Chapter 13: Elementary Statistics

Basic Definitions

Statistics deals with the collection, organization, analysis, interpretation and presentation of data.

Statistics is the practice of turning data into information to identify trends and understand features of populations.

A variable is a characteristic of an individual in a population, the value of which can differ between entities within that population.

Types of Variables

A numeric variable is one whose observations are naturally recorded as numbers.

A continuous variable can be recorded as any value in some interval.

A discrete variable may take on only distinct numeric values.

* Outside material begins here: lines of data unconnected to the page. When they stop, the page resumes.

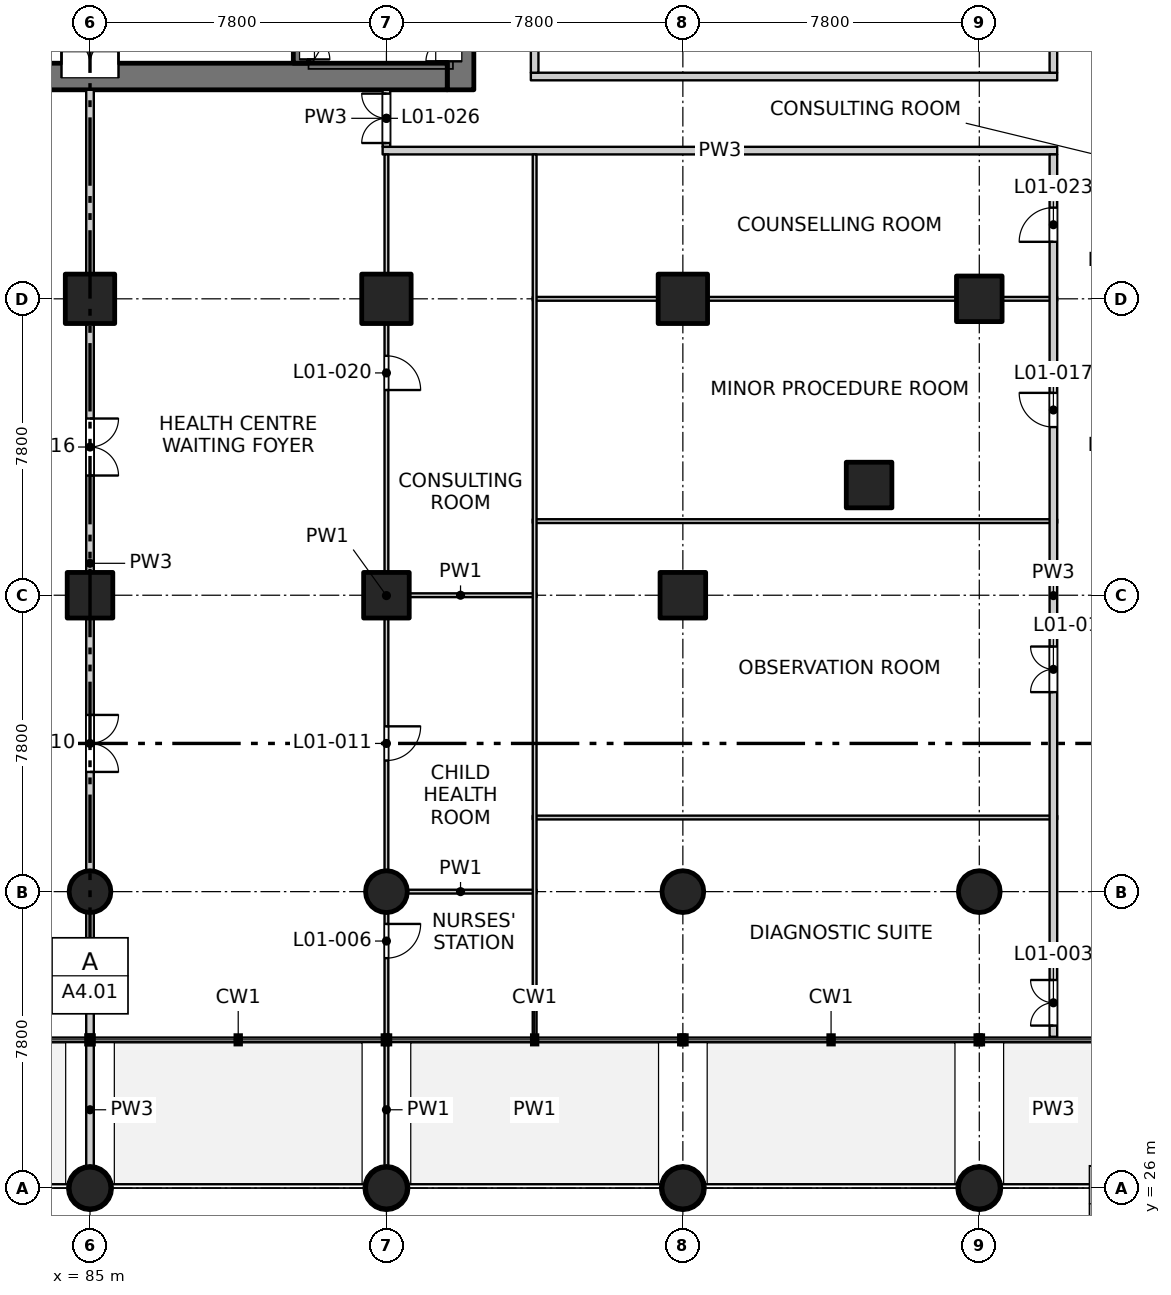
"""IFC4 building model, lengths in metres.
Left out: names, types, materials, properties, quantities, classifications, styles, units other than length and angle.
Written with IfcOpenShell. Run it as: python <this file> out.ifc"""

import sys

from ifc_helpers import new_model, si_unit, direction, frame, frame_2d, origin, origin_2d, place, context, subcontext, project, spatial, rectangle, circle, extrude, element, fill, save


model = new_model("IFC4")
c1 = context("Model", 3, precision=1e-05, world=origin(), true_north=direction((0.0, 1.0)))
c2 = subcontext(c1, "Body", "Model", "MODEL_VIEW")
j1 = project(units=[si_unit("LENGTHUNIT", "METRE"), si_unit("PLANEANGLEUNIT", "RADIAN")], contexts=[c1])
p1 = place(None, origin())
s1 = spatial("IfcSite", under=j1, at=p1, CompositionType="ELEMENT")
p2 = place(p1, origin())
s2 = spatial("IfcBuilding", under=s1, at=p2, CompositionType="ELEMENT")
p3 = place(p2, frame((0.0, 0.0, 6.0)))
s3 = spatial("IfcBuildingStorey", under=s2, at=p3, CompositionType="ELEMENT", Elevation=6.0)
for number, where, z_axis, x_axis in (
    (1, (105.5, 44.5, -0.3), (0.0, 0.0, 1.0), (1.0, 0.0, 0.0)),
    (2, (108.4, 49.4, -0.3), (0.0, 0.0, 1.0), (1.0, 0.0, 0.0)),
    (3, (85.0, 41.6, -0.3), (0.0, 0.0, 1.0), (1.0, 0.0, 0.0)),
    (4, (92.8, 41.6, -0.3), (0.0, 0.0, 1.0), (1.0, 0.0, 0.0)),
    (5, (100.6, 41.6, -0.3), (0.0, 0.0, 1.0), (1.0, 0.0, 0.0)),
):
    element("IfcColumn", number, at=place(p3, frame(where, z_axis=z_axis, x_axis=x_axis)), inside=s3, PredefinedType="COLUMN", context=c2, shape_type="SweptSolid", body=[
        extrude(rectangle(XDim=1.2, YDim=1.2, at=origin_2d()), origin(), (0.0, 0.0, 1.0), 4.5),
    ])
for number, where, z_axis, x_axis in (
    (6, (85.0, 49.4, -0.3), (0.0, 0.0, 1.0), (1.0, 0.0, 0.0)),
    (7, (92.8, 49.4, -0.3), (0.0, 0.0, 1.0), (1.0, 0.0, 0.0)),
    (8, (100.6, 49.4, -0.3), (0.0, 0.0, 1.0), (1.0, 0.0, 0.0)),
):
    element("IfcColumn", number, at=place(p3, frame(where, z_axis=z_axis, x_axis=x_axis)), inside=s3, PredefinedType="COLUMN", context=c2, shape_type="SweptSolid", body=[
        extrude(rectangle(XDim=1.3, YDim=1.3, at=origin_2d()), origin(), (0.0, 0.0, 1.0), 4.5),
    ])
for number, where, z_axis, x_axis in (
    (9, (85.0, 26.0, -0.3), (0.0, 0.0, 1.0), (1.0, 0.0, 0.0)),
    (10, (85.0, 33.8, -0.3), (0.0, 0.0, 1.0), (1.0, 0.0, 0.0)),
    (11, (92.8, 26.0, -0.3), (0.0, 0.0, 1.0), (1.0, 0.0, 0.0)),
    (12, (92.8, 33.8, -0.3), (0.0, 0.0, 1.0), (1.0, 0.0, 0.0)),
    (13, (100.6, 26.0, -0.3), (0.0, 0.0, 1.0), (1.0, 0.0, 0.0)),
    (14, (100.6, 33.8, -0.3), (0.0, 0.0, 1.0), (1.0, 0.0, 0.0)),
    (15, (108.4, 26.0, -0.3), (0.0, 0.0, 1.0), (1.0, 0.0, 0.0)),
    (16, (108.4, 33.8, -0.3), (0.0, 0.0, 1.0), (1.0, 0.0, 0.0)),
):
    element("IfcColumn", number, at=place(p3, frame(where, z_axis=z_axis, x_axis=x_axis)), inside=s3, PredefinedType="COLUMN", context=c2, shape_type="SweptSolid", body=[
        extrude(circle(Radius=0.55, at=origin_2d()), origin(), (0.0, 0.0, 1.0), 4.5),
    ])
p4 = place(p3, frame((94.75, 54.9, -0.3), z_axis=(0.0, 0.0, 1.0), x_axis=(0.0, 1.0, 0.0)))
e17 = element("IfcWall", 17, at=p4, inside=s3, PredefinedType="SOLIDWALL", context=c2, shape_type="SweptSolid", body=[
    extrude(rectangle(XDim=7.05, YDim=0.7, at=frame_2d((3.525, 0.0))), origin(), (0.0, 0.0, 1.0), 4.5),
])
p5 = place(p4, frame((0.75, 0.0, 0.3)))
e18 = element("IfcOpeningElement", 18, at=p5, cuts=e17, PredefinedType="OPENING", context=c2, shape_type="SweptSolid", body=[
    extrude(rectangle(XDim=1.2, YDim=2.1, at=frame_2d((0.6, 1.05))), frame((0.0, 0.36, 0.0), z_axis=(0.0, -1.0, 0.0), x_axis=(1.0, 0.0, 0.0)), (0.0, 0.0, 1.0), 0.72),
])
p6 = place(p3, frame((75.6, 55.25, -0.3), z_axis=(0.0, 0.0, 1.0), x_axis=(1.0, 0.0, 0.0)))
e19 = element("IfcWall", 19, at=p6, inside=s3, PredefinedType="SOLIDWALL", context=c2, shape_type="SweptSolid", body=[
    extrude(rectangle(XDim=18.8, YDim=0.7, at=frame_2d((9.4, 0.0))), origin(), (0.0, 0.0, 1.0), 4.5),
])
p7 = place(p6, frame((8.65, 0.0, 0.3)))
e20 = element("IfcOpeningElement", 20, at=p7, cuts=e19, PredefinedType="OPENING", context=c2, shape_type="SweptSolid", body=[
    extrude(rectangle(XDim=1.5, YDim=2.1, at=frame_2d((0.75, 1.05))), frame((0.0, 0.36, 0.0), z_axis=(0.0, -1.0, 0.0), x_axis=(1.0, 0.0, 0.0)), (0.0, 0.0, 1.0), 0.72),
])
p8 = place(p3, frame((90.55, 55.6, -0.3), z_axis=(0.0, 0.0, 1.0), x_axis=(0.0, 1.0, 0.0)))
e21 = element("IfcWall", 21, at=p8, inside=s3, PredefinedType="SOLIDWALL", context=c2, shape_type="SweptSolid", body=[
    extrude(rectangle(XDim=6.35, YDim=0.4, at=frame_2d((3.175, 0.0))), origin(), (0.0, 0.0, 1.0), 4.5),
])
p9 = place(p8, frame((0.1, 0.0, 0.3)))
e22 = element("IfcOpeningElement", 22, at=p9, cuts=e21, PredefinedType="OPENING", context=c2, shape_type="SweptSolid", body=[
    extrude(rectangle(XDim=1.2, YDim=2.1, at=frame_2d((0.6, 1.05))), frame((0.0, 0.21, 0.0), z_axis=(0.0, -1.0, 0.0), x_axis=(1.0, 0.0, 0.0)), (0.0, 0.0, 1.0), 0.42),
])
p10 = place(p3, frame((92.75, 33.8, 0.0), z_axis=(0.0, 0.0, 1.0), x_axis=(1.0, 0.0, 0.0)))
e23 = element("IfcWall", 23, at=p10, inside=s3, PredefinedType="PARTITIONING", context=c2, shape_type="SweptSolid", body=[
    extrude(rectangle(XDim=4.0, YDim=0.1, at=frame_2d((2.0, 0.0))), origin(), (0.0, 0.0, 1.0), 4.2),
])
p11 = place(p3, frame((96.65, 35.75, 0.0), z_axis=(0.0, 0.0, 1.0), x_axis=(1.0, 0.0, 0.0)))
e24 = element("IfcWall", 24, at=p11, inside=s3, PredefinedType="PARTITIONING", context=c2, shape_type="SweptSolid", body=[
    extrude(rectangle(XDim=13.8, YDim=0.1, at=frame_2d((6.9, 0.0))), origin(), (0.0, 0.0, 1.0), 4.2),
])
p12 = place(p3, frame((92.75, 41.6, 0.0), z_axis=(0.0, 0.0, 1.0), x_axis=(1.0, 0.0, 0.0)))
e25 = element("IfcWall", 25, at=p12, inside=s3, PredefinedType="PARTITIONING", context=c2, shape_type="SweptSolid", body=[
    extrude(rectangle(XDim=4.0, YDim=0.1, at=frame_2d((2.0, 0.0))), origin(), (0.0, 0.0, 1.0), 4.2),
])
for number, where, z_axis, x_axis in (
    (26, (96.65, 43.55, 0.0), (0.0, 0.0, 1.0), (1.0, 0.0, 0.0)),
    (27, (96.65, 49.4, 0.0), (0.0, 0.0, 1.0), (1.0, 0.0, 0.0)),
):
    element("IfcWall", number, at=place(p3, frame(where, z_axis=z_axis, x_axis=x_axis)), inside=s3, PredefinedType="PARTITIONING", context=c2, shape_type="SweptSolid", body=[
        extrude(rectangle(XDim=13.8, YDim=0.1, at=frame_2d((6.9, 0.0))), origin(), (0.0, 0.0, 1.0), 4.2),
    ])
p13 = place(p3, frame((92.7, 53.3, 0.0), z_axis=(0.0, 0.0, 1.0), x_axis=(1.0, 0.0, 0.0)))
e28 = element("IfcWall", 28, at=p13, inside=s3, PredefinedType="PARTITIONING", context=c2, shape_type="SweptSolid", body=[
    extrude(rectangle(XDim=17.75, YDim=0.2, at=frame_2d((8.875, 0.0))), origin(), (0.0, 0.0, 1.0), 4.2),
])
p14 = place(p3, frame((96.6, 55.25, 0.0), z_axis=(0.0, 0.0, 1.0), x_axis=(1.0, 0.0, 0.0)))
e29 = element("IfcWall", 29, at=p14, inside=s3, PredefinedType="PARTITIONING", context=c2, shape_type="SweptSolid", body=[
    extrude(rectangle(XDim=13.85, YDim=0.2, at=frame_2d((6.925, 0.0))), origin(), (0.0, 0.0, 1.0), 4.2),
])
p15 = place(p3, frame((85.0, 26.3, 0.0), z_axis=(0.0, 0.0, 1.0), x_axis=(0.0, 1.0, 0.0)))
e30 = element("IfcWall", 30, at=p15, inside=s3, PredefinedType="PARTITIONING", context=c2, shape_type="SweptSolid", body=[
    extrude(rectangle(XDim=3.52, YDim=0.2, at=frame_2d((1.76, 0.0))), origin(), (0.0, 0.0, 1.0), 4.2),
])
p16 = place(p3, frame((85.0, 29.98, 0.0), z_axis=(0.0, 0.0, 1.0), x_axis=(0.0, 1.0, 0.0)))
e31 = element("IfcWall", 31, at=p16, inside=s3, PredefinedType="PARTITIONING", context=c2, shape_type="SweptSolid", body=[
    extrude(rectangle(XDim=24.92, YDim=0.2, at=frame_2d((12.46, 0.0))), origin(), (0.0, 0.0, 1.0), 4.2),
])
p17 = place(p16, frame((6.97, 0.0, 0.0)))
e32 = element("IfcOpeningElement", 32, at=p17, cuts=e31, PredefinedType="OPENING", context=c2, shape_type="SweptSolid", body=[
    extrude(rectangle(XDim=1.5, YDim=2.1, at=frame_2d((0.75, 1.05))), frame((0.0, 0.11, 0.0), z_axis=(0.0, -1.0, 0.0), x_axis=(1.0, 0.0, 0.0)), (0.0, 0.0, 1.0), 0.22),
])
p18 = place(p16, frame((14.77, 0.0, 0.0)))
e33 = element("IfcOpeningElement", 33, at=p18, cuts=e31, PredefinedType="OPENING", context=c2, shape_type="SweptSolid", body=[
    extrude(rectangle(XDim=1.5, YDim=2.1, at=frame_2d((0.75, 1.05))), frame((0.0, 0.11, 0.0), z_axis=(0.0, -1.0, 0.0), x_axis=(1.0, 0.0, 0.0)), (0.0, 0.0, 1.0), 0.22),
])
p19 = place(p3, frame((92.8, 26.3, 0.0), z_axis=(0.0, 0.0, 1.0), x_axis=(0.0, 1.0, 0.0)))
e34 = element("IfcWall", 34, at=p19, inside=s3, PredefinedType="PARTITIONING", context=c2, shape_type="SweptSolid", body=[
    extrude(rectangle(XDim=3.52, YDim=0.1, at=frame_2d((1.76, 0.0))), origin(), (0.0, 0.0, 1.0), 4.2),
])
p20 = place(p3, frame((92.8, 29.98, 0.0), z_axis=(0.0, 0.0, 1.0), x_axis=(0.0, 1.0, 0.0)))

A categorical variable may take only one of a finite number of possibilities.

A nominal variable is a categorical variable that cannot be logically ranked.

An ordinal variable is a categorical variable that can be naturally ranked.

Univariate data deals with only one variable at a time. Bivariate data deals with two variables at a time. Multivariate data deals with many variables at a time.

Summary Statistics

The distribution is a variable tells us what values it takes and how often. There are many numbers we can calculate that will tell this story.

Measures of Central Tendency

Mean

The arithmetic average. The sum of all the observations divided by the number of observations n.

\[\bar{X} = \frac{1}{n} \sum_{i=1}^n X_i\]

Median

Order all the observations from smallest to largest. This is the middle value (for odd n) or the average of the two middle values (for even n).

This value divides our data in half. The median is less affected by outliers than the mean and preferred when dealing with skewed data.

Mode

The most common value.

Counts, Percentages, and Proportions

For categorical data, it makes no sense to calculate numeric summaries. However, it is sometimes useful to count the number of observations that fall within each category. These counts or frequencies represent the most elementary summary statistic of categorical data.

A table is a useful way to summarize these frequencies.

From the table it is easy to calculate the proportion that represents the fraction of observations in each category, usually expressed as a decimal.

Measures of Location

A quantile is a value computed from a collection of numeric measurements that indicates an observation’s rank when compared to all the other present observations.

Percentiles are quantiles expressed on a percent scale. They divide the distribution of a variable in 100 equal pieces.

To find the \(p\)th percentile use the ranked-ordered data to calculate:

\[m = \frac{p}{100}n\] If \(m\) is not an integer, round up. The pth percentile is the data value located at the position of the next integer greater than \(m\). If \(m\) is an integer, calculate the mean of positions \(m\) and \(m+1\). We can also talk about deciles, quartiles, etc.

Five-number summary

The five-number summary of a variable is comprised of the 0th percentile (the minimum), the 25th percentile, the 50th percentile, the 75th percentile, and the 100th percentile (the maximum).

Measures of Variability

Measures of spread or dispersion tell us how much variability there is in the data.

Range

Difference between the minimum and maximum value.

IQR - Interquartile Range

Difference between the third and first quartile.

Variance and Standard Deviation

The sample variance measures the degree of the spread of numeric observations around their arithmetic mean.

The variance is a particular representation of the average squared distance of each observation when compared to the mean.

\[\ s^2 = \frac{1}{n-1} \sum_{i=1}^n (x_i-\bar{x})^2\]

The standard deviation is simply the square root of the variance \(\sqrt{\ s^2 }\).

Measures of Relative Standing

The z-score is a measure that indicates the relative position of a data value with respect to the data of which it is a member.

This implies a transformation on the data also called standardization or normalization. To do this transformation, subtract the mean and divide by the standard deviation:

\[\ z_i = \frac{x_i - \bar{x}}{s}\]

Outliers

An outlier is an observation that does not appear to “fit” with the rest of the data.

A value with a z-score of \(+/- 3\) or \(+/- 2.5\) might be considered an outlier.

Measures of Association

Sometimes we are interested in investigating the relationship between two numeric variables.

The covariance expresses how much two numeric variables change together and the nature of that relationship, whether it is positive or negative.

\[\ s_{xy} = \frac{1}{n-1} \sum_{i=1}^n (x_i-\bar{x})(y_i-\bar{y})\]

The correlation allows you to interpret the covariance further by identifying both the direction and the strength of any association.

\[\ r_{xy}=\frac{\ s_{xy}} {\ s_x\ s_y}\] where \(-1 \le \ r_{xy} \le +1\).

Notice that this is Pearson’s product-moment correlation coefficient and it measures only the linear association between two variables. Correlations closer to \(\pm 1\) are strong and those closer to \(0\) are weak.